J’observe que la grande majorité des personnes qui se disent « en chemin spirituel », « éveillées », « sur la voie de la conscience » ou animées par le désir ardent de manifester leur unicité en ce monde vivent des difficultés matérielles récurrentes : pénurie de ressources, manque de moyens financiers, isolement social, voire une certaine forme de marginalisation rendant de plus en plus compliquée la poursuite de leurs ambitions intimes.

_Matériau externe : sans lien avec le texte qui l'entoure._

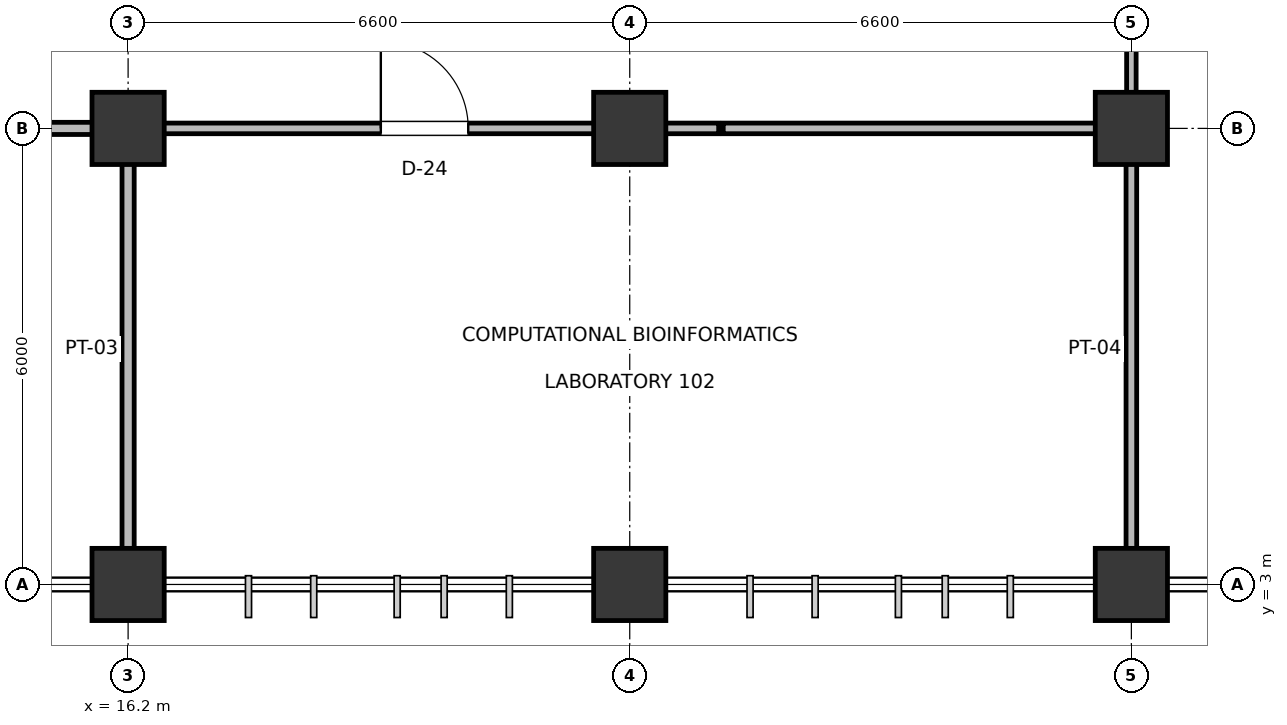
"""IFC4 building model, lengths in metres.
Left out: names, types, materials, properties, quantities, classifications, styles, units other than length and angle.
Written with IfcOpenShell. Run it as: python <this file> out.ifc"""

import sys

from ifc_helpers import new_model, si_unit, direction, frame, frame_2d, origin, origin_2d, place, context, subcontext, project, spatial, rectangle, extrude, element, fill, save


model = new_model("IFC4")
c1 = context("Model", 3, precision=1e-05, world=origin(), true_north=direction((0.0, 1.0)))
c2 = subcontext(c1, "Body", "Model", "MODEL_VIEW")
j1 = project(units=[si_unit("LENGTHUNIT", "METRE"), si_unit("PLANEANGLEUNIT", "RADIAN")], contexts=[c1])
p1 = place(None, origin())
s1 = spatial("IfcSite", under=j1, at=p1, CompositionType="ELEMENT")
p2 = place(p1, origin())
s2 = spatial("IfcBuilding", under=s1, at=p2, CompositionType="ELEMENT")
p3 = place(p2, frame((0.0, 0.0, 5.4)))
s3 = spatial("IfcBuildingStorey", under=s2, at=p3, CompositionType="ELEMENT", Elevation=5.4)
for number, where, z_axis, x_axis in (
    (1, (16.2, 3.0, 0.0), (0.0, 0.0, 1.0), (1.0, 0.0, 0.0)),
    (2, (16.2, 9.0, 0.0), (0.0, 0.0, 1.0), (1.0, 0.0, 0.0)),
    (3, (22.8, 3.0, 0.0), (0.0, 0.0, 1.0), (1.0, 0.0, 0.0)),
    (4, (22.8, 9.0, 0.0), (0.0, 0.0, 1.0), (1.0, 0.0, 0.0)),
    (5, (29.4, 3.0, 0.0), (0.0, 0.0, 1.0), (1.0, 0.0, 0.0)),
    (6, (29.4, 9.0, 0.0), (0.0, 0.0, 1.0), (1.0, 0.0, 0.0)),
):
    element("IfcColumn", number, at=place(p3, frame(where, z_axis=z_axis, x_axis=x_axis)), inside=s3, PredefinedType="COLUMN", context=c2, shape_type="SweptSolid", body=[
        extrude(rectangle(XDim=0.95, YDim=0.95, at=origin_2d()), origin(), (0.0, 0.0, 1.0), 4.8),
    ])
p4 = place(p3, frame((16.2, 3.23, 0.0), z_axis=(0.0, 0.0, 1.0), x_axis=(0.0, 1.0, 0.0)))
e7 = element("IfcWall", 7, at=p4, inside=s3, PredefinedType="PARTITIONING", context=c2, shape_type="SweptSolid", body=[
    extrude(rectangle(XDim=5.74, YDim=0.16, at=frame_2d((2.87, 0.0))), origin(), (0.0, 0.0, 1.0), 3.925),
])
p5 = place(p3, frame((10.83, 9.0, 0.0), z_axis=(0.0, 0.0, 1.0), x_axis=(1.0, 0.0, 0.0)))
e8 = element("IfcWall", 8, at=p5, inside=s3, PredefinedType="PARTITIONING", context=c2, shape_type="SweptSolid", body=[
    extrude(rectangle(XDim=5.34, YDim=0.16, at=frame_2d((2.67, 0.0))), origin(), (0.0, 0.0, 1.0), 3.825),
])
p6 = place(p3, frame((29.4, 3.23, 0.0), z_axis=(0.0, 0.0, 1.0), x_axis=(0.0, 1.0, 0.0)))
e9 = element("IfcWall", 9, at=p6, inside=s3, PredefinedType="PARTITIONING", context=c2, shape_type="SweptSolid", body=[
    extrude(rectangle(XDim=5.74, YDim=0.14, at=frame_2d((2.87, 0.0))), origin(), (0.0, 0.0, 1.0), 3.925),
])
p7 = place(p3, frame((24.03, 9.0, 0.0), z_axis=(0.0, 0.0, 1.0), x_axis=(1.0, 0.0, 0.0)))
e10 = element("IfcWall", 10, at=p7, inside=s3, PredefinedType="PARTITIONING", context=c2, shape_type="SweptSolid", body=[
    extrude(rectangle(XDim=5.34, YDim=0.14, at=frame_2d((2.67, 0.0))), origin(), (0.0, 0.0, 1.0), 3.825),
])
p8 = place(p3, frame((16.23, 9.0, 0.0), z_axis=(0.0, 0.0, 1.0), x_axis=(1.0, 0.0, 0.0)))
e11 = element("IfcWall", 11, at=p8, inside=s3, PredefinedType="PARTITIONING", context=c2, shape_type="SweptSolid", body=[
    extrude(rectangle(XDim=7.74, YDim=0.14, at=frame_2d((3.87, 0.0))), origin(), (0.0, 0.0, 1.0), 3.755),
])
p9 = place(p8, frame((3.295, 0.0, 0.0)))
e12 = element("IfcOpeningElement", 12, at=p9, cuts=e11, PredefinedType="OPENING", context=c2, shape_type="SweptSolid", body=[
    extrude(rectangle(XDim=1.15, YDim=2.15, at=frame_2d((0.575, 1.075))), frame((0.0, 0.08, 0.0), z_axis=(0.0, -1.0, 0.0), x_axis=(1.0, 0.0, 0.0)), (0.0, 0.0, 1.0), 0.16),
])
p10 = place(p3, frame((29.4, 9.03, 0.0), z_axis=(0.0, 0.0, 1.0), x_axis=(0.0, 1.0, 0.0)))
e13 = element("IfcWall", 13, at=p10, inside=s3, PredefinedType="PARTITIONING", context=c2, shape_type="SweptSolid", body=[
    extrude(rectangle(XDim=11.54, YDim=0.125, at=frame_2d((5.77, 0.0))), origin(), (0.0, 0.0, 1.0), 3.725),
])
p11 = place(p10, frame((5.23, 0.0, 0.0)))
e14 = element("IfcOpeningElement", 14, at=p11, cuts=e13, PredefinedType="OPENING", context=c2, shape_type="SweptSolid", body=[
    extrude(rectangle(XDim=1.08, YDim=2.15, at=frame_2d((0.54, 1.075))), frame((0.0, 0.073, 0.0), z_axis=(0.0, -1.0, 0.0), x_axis=(1.0, 0.0, 0.0)), (0.0, 0.0, 1.0), 0.145),
])
p12 = place(p9, origin())
e15 = element("IfcDoor", 15, at=p12, inside=s3, OperationType="SINGLE_SWING_LEFT", PredefinedType="DOOR", context=c2, shape_type="SweptSolid", body=[
    extrude(rectangle(XDim=1.15, YDim=2.15, at=frame_2d((0.575, 1.075))), frame((0.0, 0.025, 0.0), z_axis=(0.0, -1.0, 0.0), x_axis=(1.0, 0.0, 0.0)), (0.0, 0.0, 1.0), 0.05),
])
fill(e12, e15)
save(model, sys.argv[1])

En effet, avec une insatisfaction pérenne des besoins fondamentaux, avec une peur lancinante du manque chevillée au corps, il peut être ardu de s’offrir sans frein ni arrières pensées aux impulsions du Feu de l’Esprit en soi ou, du moins, à ce qui stimule l’enthousiasme naturel.
On pourra me rétorquer que des millions d’autres humains englués dans les affres d’une existence « matérialiste » et duelle, qui ne déclarent aucun accès aux « mondes subtils », aucune vision unitaire, aucune aptitude à l’accompagnement d’autrui, aucun élan vers l’exercice de thérapies dites alternatives, aucune prétention à quelque transcendance que ce soit, aucune relation privilégiée avec leur âme, l’Univers ou que sais-je encore, expérimentent les mêmes types de difficultés.
C’est justement cela qui pose question.
Comment peuvent cohabiter, dans une conscience individuelle, à la fois l’idée d’un Univers pourvoyeur d’une infinie abondance et d’une parfaite intelligence et celle d’un quotidien sans cesse fait de restrictions, de calculs, de renoncements subis, de peur du vide et d’une crainte du lendemain plus ou moins latente ?
Comment peut-on évoquer, souvent avec emphase d’ailleurs, sa soif de service, sa pleine relation au Grand Tout, au Cosmos, à l’Univers, à la Source et puis, l’instant d’après, se torturer la tête pour savoir comment, diable, boucler la fin du mois ?
Pour un jeune esprit méconnaissant les lois universelles et percevant peut-être l’Humanité comme une jungle hostile dans laquelle seuls les plus forts et les plus avisés s’en sortent, il n’y a aucune incohérence à adopter les principes archaïques de la survie, parce que ses croyances résonnent avec son expérience.
En revanche, pour celles et ceux qui se disent « conscients », « connectés », « en gratitude », où est la cohérence ? Comment éclairer, guider, inspirer, transmettre, accompagner autrui si, soi-même, on n’a pas soldé la peur de manquer qui, en clair, découle d’une croyance d’une densité immonde : « l’Univers, l’Intelligence céleste, malgré tous mes efforts pour me convaincre du contraire, n’a que faire de moi, me laissera mourir de faim, ne viendra pas à mon secours et ne sait d’ailleurs probablement même pas que j’existe » ?
Chers amis, si la pensée du manque vous hante, si l’expérience correspondante vous accable, il vous faut aller en examiner la croyance-mère, laisser courageusement toute son horrible plénitude remonter à la surface de votre conscience, sans quoi vous ne chercherez toujours qu’à en anesthésier les effets par mille et un subterfuges et remèdes qui jamais ne tiennent bien longtemps. La cohérence, l’intégrité sont à ce prix.